Furthermore, people with cystic fibrosis are more likely to have chronic sinusitis, frequent pneumonia and bronchitis, and recurrent lung infections, due to the accumulation of secretion in the lungs and airways.
Men with cystic fibrosis are generally infertile, either because of malnutrition or blockage of the vas deferens, which is the channel that transports sperm from the testicles to the penis.
Cystic Fibrosis Symptoms in Babies
In babies and newborns, the symptoms of cystic fibrosis are difficulty eliminating meconium, difficulty in weight gain and growth, even with good food intake.
In addition, a baby with this disease may also have yellow skin and eyes for a longer period after birth.

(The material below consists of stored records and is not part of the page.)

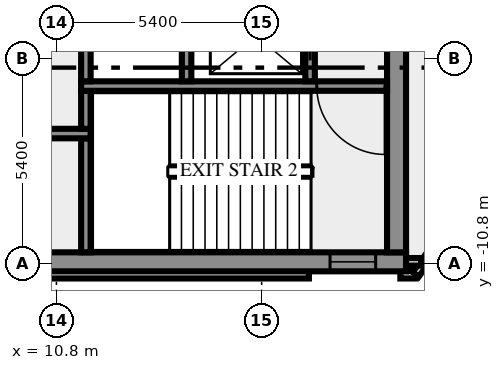
"""IFC4 building model, lengths in metres.
Left out: names, types, materials, properties, quantities, classifications, styles, units other than length and angle.
Written with IfcOpenShell. Run it as: python <this file> out.ifc"""

import sys

from ifc_helpers import new_model, si_unit, direction, frame, frame_2d, origin, place, context, subcontext, project, spatial, rectangle, extrude, element, fill, save


model = new_model("IFC4")
c1 = context("Model", 3, precision=1e-05, world=origin(), true_north=direction((0.0, 1.0)))
c2 = subcontext(c1, "Body", "Model", "MODEL_VIEW")
j1 = project(units=[si_unit("LENGTHUNIT", "METRE"), si_unit("PLANEANGLEUNIT", "RADIAN")], contexts=[c1])
p1 = place(None, origin())
s1 = spatial("IfcSite", under=j1, at=p1, CompositionType="ELEMENT")
p2 = place(p1, origin())
s2 = spatial("IfcBuilding", under=s1, at=p2, CompositionType="ELEMENT")
p3 = place(p2, frame((0.0, 0.0, 289.0)))
s3 = spatial("IfcBuildingStorey", under=s2, at=p3, CompositionType="ELEMENT", Elevation=289.0)
p4 = place(p3, frame((-17.444, -11.088, 0.0), z_axis=(0.0, 0.0, 1.0), x_axis=(1.0, 0.0, 0.0)))
e1 = element("IfcWall", 1, at=p4, inside=s3, PredefinedType="SOLIDWALL", context=c2, shape_type="SweptSolid", body=[
    extrude(rectangle(XDim=34.888, YDim=0.2, at=frame_2d((17.444, 0.0))), origin(), (0.0, 0.0, 1.0), 3.65),
])
p5 = place(p3, frame((19.85, -11.088, 0.0), z_axis=(0.0, 0.0, 1.0), x_axis=(1.0, 0.0, 0.0)))
e2 = element("IfcWall", 2, at=p5, inside=s3, PredefinedType="SOLIDWALL", context=c2, shape_type="SweptSolid", body=[
    extrude(rectangle(XDim=0.406, YDim=0.2, at=frame_2d((0.203, 0.0))), origin(), (0.0, 0.0, 1.0), 3.65),
])
p6 = place(p3, frame((20.253, -11.083, 0.0), z_axis=(0.0, 0.0, 1.0), x_axis=(0.587766567315, 0.809030569476, 0.0)))
e3 = element("IfcWall", 3, at=p6, inside=s3, PredefinedType="SOLIDWALL", context=c2, shape_type="SweptSolid", body=[
    extrude(rectangle(XDim=2.688, YDim=0.2, at=frame_2d((1.344, 0.0))), origin(), (0.0, 0.0, 1.0), 3.65),
])
p7 = place(p3, frame((19.98, -10.75, 0.0), z_axis=(0.0, 0.0, 1.0), x_axis=(1.0, 0.0, 0.0)))
e4 = element("IfcWall", 4, at=p7, inside=s3, PredefinedType="SOLIDWALL", context=c2, shape_type="SweptSolid", body=[
    extrude(rectangle(XDim=0.417, YDim=0.2, at=frame_2d((0.208, 0.0))), origin(), (0.0, 0.0, 1.0), 3.65),
])
p8 = place(p3, frame((-20.0, -10.75, 0.0), z_axis=(0.0, 0.0, 1.0), x_axis=(1.0, 0.0, 0.0)))
e5 = element("IfcWall", 5, at=p8, inside=s3, PredefinedType="SHEAR", context=c2, shape_type="SweptSolid", body=[
    extrude(rectangle(XDim=40.0, YDim=0.5, at=frame_2d((20.0, 0.0))), origin(), (0.0, 0.0, 1.0), 3.65),
])
p9 = place(p8, frame((0.8, 0.0, 1.0)))
e6 = element("IfcOpeningElement", 6, at=p9, cuts=e5, PredefinedType="OPENING", context=c2, shape_type="SweptSolid", body=[
    extrude(rectangle(XDim=1.2, YDim=1.2, at=frame_2d((0.6, 0.6))), frame((0.0, 0.26, 0.0), z_axis=(0.0, -1.0, 0.0), x_axis=(1.0, 0.0, 0.0)), (0.0, 0.0, 1.0), 0.52),
])
p10 = place(p8, frame((38.0, 0.0, 1.0)))
e7 = element("IfcOpeningElement", 7, at=p10, cuts=e5, PredefinedType="OPENING", context=c2, shape_type="SweptSolid", body=[
    extrude(rectangle(XDim=1.2, YDim=1.2, at=frame_2d((0.6, 0.6))), frame((0.0, 0.26, 0.0), z_axis=(0.0, -1.0, 0.0), x_axis=(1.0, 0.0, 0.0)), (0.0, 0.0, 1.0), 0.52),
])
p11 = place(p3, frame((11.575, -10.5, 0.0), z_axis=(0.0, 0.0, 1.0), x_axis=(0.0, 1.0, 0.0)))
e8 = element("IfcWall", 8, at=p11, inside=s3, PredefinedType="SHEAR", context=c2, shape_type="SweptSolid", body=[
    extrude(rectangle(XDim=3.0, YDim=0.25, at=frame_2d((1.5, 0.0))), origin(), (0.0, 0.0, 1.0), 3.65),
])
p12 = place(p3, frame((19.75, -10.5, 0.0), z_axis=(0.0, 0.0, 1.0), x_axis=(0.0, 1.0, 0.0)))
e9 = element("IfcWall", 9, at=p12, inside=s3, PredefinedType="SHEAR", context=c2, shape_type="SweptSolid", body=[
    extrude(rectangle(XDim=8.8, YDim=0.5, at=frame_2d((4.4, 0.0))), origin(), (0.0, 0.0, 1.0), 3.65),
])
p13 = place(p3, frame((11.7, -7.375, 0.0), z_axis=(0.0, 0.0, 1.0), x_axis=(-1.0, 0.0, 0.0)))
e10 = element("IfcWall", 10, at=p13, inside=s3, PredefinedType="SHEAR", context=c2, shape_type="SweptSolid", body=[
    extrude(rectangle(XDim=23.4, YDim=0.25, at=frame_2d((11.7, 0.0))), origin(), (0.0, 0.0, 1.0), 3.65),
])
p14 = place(p13, frame((22.225, 0.0, 0.0)))
e11 = element("IfcOpeningElement", 11, at=p14, cuts=e10, PredefinedType="OPENING", context=c2, shape_type="SweptSolid", body=[
    extrude(rectangle(XDim=0.8, YDim=2.1, at=frame_2d((0.4, 1.05))), frame((0.0, 0.135, 0.0), z_axis=(0.0, -1.0, 0.0), x_axis=(1.0, 0.0, 0.0)), (0.0, 0.0, 1.0), 0.27),
])
p15 = place(p13, frame((20.2, 0.0, 0.0)))
e12 = element("IfcOpeningElement", 12, at=p15, cuts=e10, PredefinedType="OPENING", context=c2, shape_type="SweptSolid", body=[
    extrude(rectangle(XDim=1.1, YDim=2.1, at=frame_2d((0.55, 1.05))), frame((0.0, 0.135, 0.0), z_axis=(0.0, -1.0, 0.0), x_axis=(1.0, 0.0, 0.0)), (0.0, 0.0, 1.0), 0.27),
])
p16 = place(p13, frame((17.7, 0.0, 0.0)))
e13 = element("IfcOpeningElement", 13, at=p16, cuts=e10, PredefinedType="OPENING", context=c2, shape_type="SweptSolid", body=[
    extrude(rectangle(XDim=1.1, YDim=2.1, at=frame_2d((0.55, 1.05))), frame((0.0, 0.135, 0.0), z_axis=(0.0, -1.0, 0.0), x_axis=(1.0, 0.0, 0.0)), (0.0, 0.0, 1.0), 0.27),
])
p17 = place(p13, frame((15.975, 0.0, 0.0)))
e14 = element("IfcOpeningElement", 14, at=p17, cuts=e10, PredefinedType="OPENING", context=c2, shape_type="SweptSolid", body=[
    extrude(rectangle(XDim=0.8, YDim=2.1, at=frame_2d((0.4, 1.05))), frame((0.0, 0.135, 0.0), z_axis=(0.0, -1.0, 0.0), x_axis=(1.0, 0.0, 0.0)), (0.0, 0.0, 1.0), 0.27),
])
p18 = place(p13, frame((14.5, 0.0, 0.0)))
e15 = element("IfcOpeningElement", 15, at=p18, cuts=e10, PredefinedType="OPENING", context=c2, shape_type="SweptSolid", body=[
    extrude(rectangle(XDim=0.9, YDim=2.1, at=frame_2d((0.45, 1.05))), frame((0.0, 0.135, 0.0), z_axis=(0.0, -1.0, 0.0), x_axis=(1.0, 0.0, 0.0)), (0.0, 0.0, 1.0), 0.27),
])
p19 = place(p13, frame((12.95, 0.0, 0.0)))
e16 = element("IfcOpeningElement", 16, at=p19, cuts=e10, PredefinedType="OPENING", context=c2, shape_type="SweptSolid", body=[
    extrude(rectangle(XDim=0.9, YDim=2.1, at=frame_2d((0.45, 1.05))), frame((0.0, 0.135, 0.0), z_axis=(0.0, -1.0, 0.0), x_axis=(1.0, 0.0, 0.0)), (0.0, 0.0, 1.0), 0.27),
])
p20 = place(p13, frame((11.475, 0.0, 0.0)))
e17 = element("IfcOpeningElement", 17, at=p20, cuts=e10, PredefinedType="OPENING", context=c2, shape_type="SweptSolid", body=[
    extrude(rectangle(XDim=0.9, YDim=2.1, at=frame_2d((0.45, 1.05))), frame((0.0, 0.135, 0.0), z_axis=(0.0, -1.0, 0.0), x_axis=(1.0, 0.0, 0.0)), (0.0, 0.0, 1.0), 0.27),
])
p21 = place(p13, frame((10.45, 0.0, 0.0)))
e18 = element("IfcOpeningElement", 18, at=p21, cuts=e10, PredefinedType="OPENING", context=c2, shape_type="SweptSolid", body=[
    extrude(rectangle(XDim=0.5, YDim=2.1, at=frame_2d((0.25, 1.05))), frame((0.0, 0.135, 0.0), z_axis=(0.0, -1.0, 0.0), x_axis=(1.0, 0.0, 0.0)), (0.0, 0.0, 1.0), 0.27),
])
p22 = place(p13, frame((7.987, 0.0, 0.0)))
e19 = element("IfcOpeningElement", 19, at=p22, cuts=e10, PredefinedType="OPENING", context=c2, shape_type="SweptSolid", body=[
    extrude(rectangle(XDim=0.9, YDim=2.1, at=frame_2d((0.45, 1.05))), frame((0.0, 0.135, 0.0), z_axis=(0.0, -1.0, 0.0), x_axis=(1.0, 0.0, 0.0)), (0.0, 0.0, 1.0), 0.27),
])
p23 = place(p13, frame((3.012, 0.0, 0.0)))
e20 = element("IfcOpeningElement", 20, at=p23, cuts=e10, PredefinedType="OPENING", context=c2, shape_type="SweptSolid", body=[
    extrude(rectangle(XDim=0.9, YDim=2.1, at=frame_2d((0.45, 1.05))), frame((0.0, 0.135, 0.0), z_axis=(0.0, -1.0, 0.0), x_axis=(1.0, 0.0, 0.0)), (0.0, 0.0, 1.0), 0.27),
])
p24 = place(p3, frame((11.575, -7.25, 0.0), z_axis=(0.0, 0.0, 1.0), x_axis=(0.0, 1.0, 0.0)))
e21 = element("IfcWall", 21, at=p24, inside=s3, PredefinedType="SHEAR", context=c2, shape_type="SweptSolid", body=[
    extrude(rectangle(XDim=1.0, YDim=0.25, at=frame_2d((0.5, 0.0))), origin(), (0.0, 0.0, 1.0), 3.65),
])
p25 = place(p3, frame((19.5, -6.125, 0.0), z_axis=(0.0, 0.0, 1.0), x_axis=(-1.0, 0.0, 0.0)))
e22 = element("IfcWall", 22, at=p25, inside=s3, PredefinedType="SHEAR", context=c2, shape_type="SweptSolid", body=[
    extrude(rectangle(XDim=8.05, YDim=0.25, at=frame_2d((4.025, 0.0))), origin(), (0.0, 0.0, 1.0), 3.65),
])
p26 = place(p25, frame((0.05, 0.0, 0.0)))
e23 = element("IfcOpeningElement", 23, at=p26, cuts=e22, PredefinedType="OPENING", context=c2, shape_type="SweptSolid", body=[
    extrude(rectangle(XDim=1.8, YDim=2.1, at=frame_2d((0.9, 1.05))), frame((0.0, 0.135, 0.0), z_axis=(0.0, -1.0, 0.0), x_axis=(1.0, 0.0, 0.0)), (0.0, 0.0, 1.0), 0.27),
])
p27 = place(p3, frame((11.575, -6.0, 0.0), z_axis=(0.0, 0.0, 1.0), x_axis=(0.0, 1.0, 0.0)))
e24 = element("IfcWall", 24, at=p27, inside=s3, PredefinedType="SHEAR", context=c2, shape_type="SweptSolid", body=[
    extrude(rectangle(XDim=1.75, YDim=0.25, at=frame_2d((0.875, 0.0))), origin(), (0.0, 0.0, 1.0), 3.65),
])
p28 = place(p3, frame((14.225, -6.0, 0.0), z_axis=(0.0, 0.0, 1.0), x_axis=(0.0, 1.0, 0.0)))
e25 = element("IfcWall", 25, at=p28, inside=s3, PredefinedType="SHEAR", context=c2, shape_type="SweptSolid", body=[
    extrude(rectangle(XDim=4.3, YDim=0.25, at=frame_2d((2.15, 0.0))), origin(), (0.0, 0.0, 1.0), 3.65),
])
p29 = place(p3, frame((17.475, -6.0, 0.0), z_axis=(0.0, 0.0, 1.0), x_axis=(0.0, 1.0, 0.0)))
e26 = element("IfcWall", 26, at=p29, inside=s3, PredefinedType="SHEAR", context=c2, shape_type="SweptSolid", body=[
    extrude(rectangle(XDim=4.3, YDim=0.25, at=frame_2d((2.15, 0.0))), origin(), (0.0, 0.0, 1.0), 3.65),
])
p30 = place(p29, frame((0.55, 0.0, 0.0)))
e27 = element("IfcOpeningElement", 27, at=p30, cuts=e26, PredefinedType="OPENING", context=c2, shape_type="SweptSolid", body=[
    extrude(rectangle(XDim=1.3, YDim=2.1, at=frame_2d((0.65, 1.05))), frame((0.0, 0.135, 0.0), z_axis=(0.0, -1.0, 0.0), x_axis=(1.0, 0.0, 0.0)), (0.0, 0.0, 1.0), 0.27),
])
p31 = place(p10, origin())
e28 = element("IfcWindow", 28, at=p31, inside=s3, PartitioningType="SINGLE_PANEL", PredefinedType="WINDOW", context=c2, shape_type="SweptSolid", body=[
    extrude(rectangle(XDim=1.2, YDim=1.2, at=frame_2d((0.6, 0.6))), frame((0.0, 0.03, 0.0), z_axis=(0.0, -1.0, 0.0), x_axis=(1.0, 0.0, 0.0)), (0.0, 0.0, 1.0), 0.06),
])
fill(e7, e28)
p32 = place(p26, origin())
e29 = element("IfcDoor", 29, at=p32, inside=s3, OperationType="DOUBLE_DOOR_SINGLE_SWING", PredefinedType="DOOR", context=c2, shape_type="SweptSolid", body=[
    extrude(rectangle(XDim=1.8, YDim=2.1, at=frame_2d((0.9, 1.05))), frame((0.0, 0.025, 0.0), z_axis=(0.0, -1.0, 0.0), x_axis=(1.0, 0.0, 0.0)), (0.0, 0.0, 1.0), 0.05),
])
fill(e23, e29)
p33 = place(p30, origin())
e30 = element("IfcDoor", 30, at=p33, inside=s3, OperationType="DOUBLE_DOOR_SLIDING", PredefinedType="DOOR", context=c2, shape_type="SweptSolid", body=[
    extrude(rectangle(XDim=1.3, YDim=2.1, at=frame_2d((0.65, 1.05))), frame((0.0, 0.025, 0.0), z_axis=(0.0, -1.0, 0.0), x_axis=(1.0, 0.0, 0.0)), (0.0, 0.0, 1.0), 0.05),
])
fill(e27, e30)
save(model, sys.argv[1])

How to confirm the diagnosis
The diagnosis of cystic fibrosis is made through the heel prick test, which must be done within 30 days of the newborn’s life. However, to confirm the diagnosis, it is necessary to perform genetic tests and a sweat test, a test that measures the amount of chloride in sweat.
To assess your risk of cystic fibrosis, make an appointment with the doctor closest to you:
When the diagnosis is not made soon after birth, cystic fibrosis can be confirmed through blood tests to identify the mutation responsible for the disease and evaluate specific enzymes that are altered, in addition to chest x-rays and computed tomography.
Cystic fibrosis still has no cure, but early diagnosis and treatment help alleviate the symptoms of this disease, improve the person’s quality of life and prevent it from worsening quickly. Find out how cystic fibrosis is treated.
What is the life expectancy?
The life expectancy of a person with cystic fibrosis varies depending on the type of treatment and the severity of the disease. However, due to advances in treatment in recent years, many people are living 40 years or more with quality of life.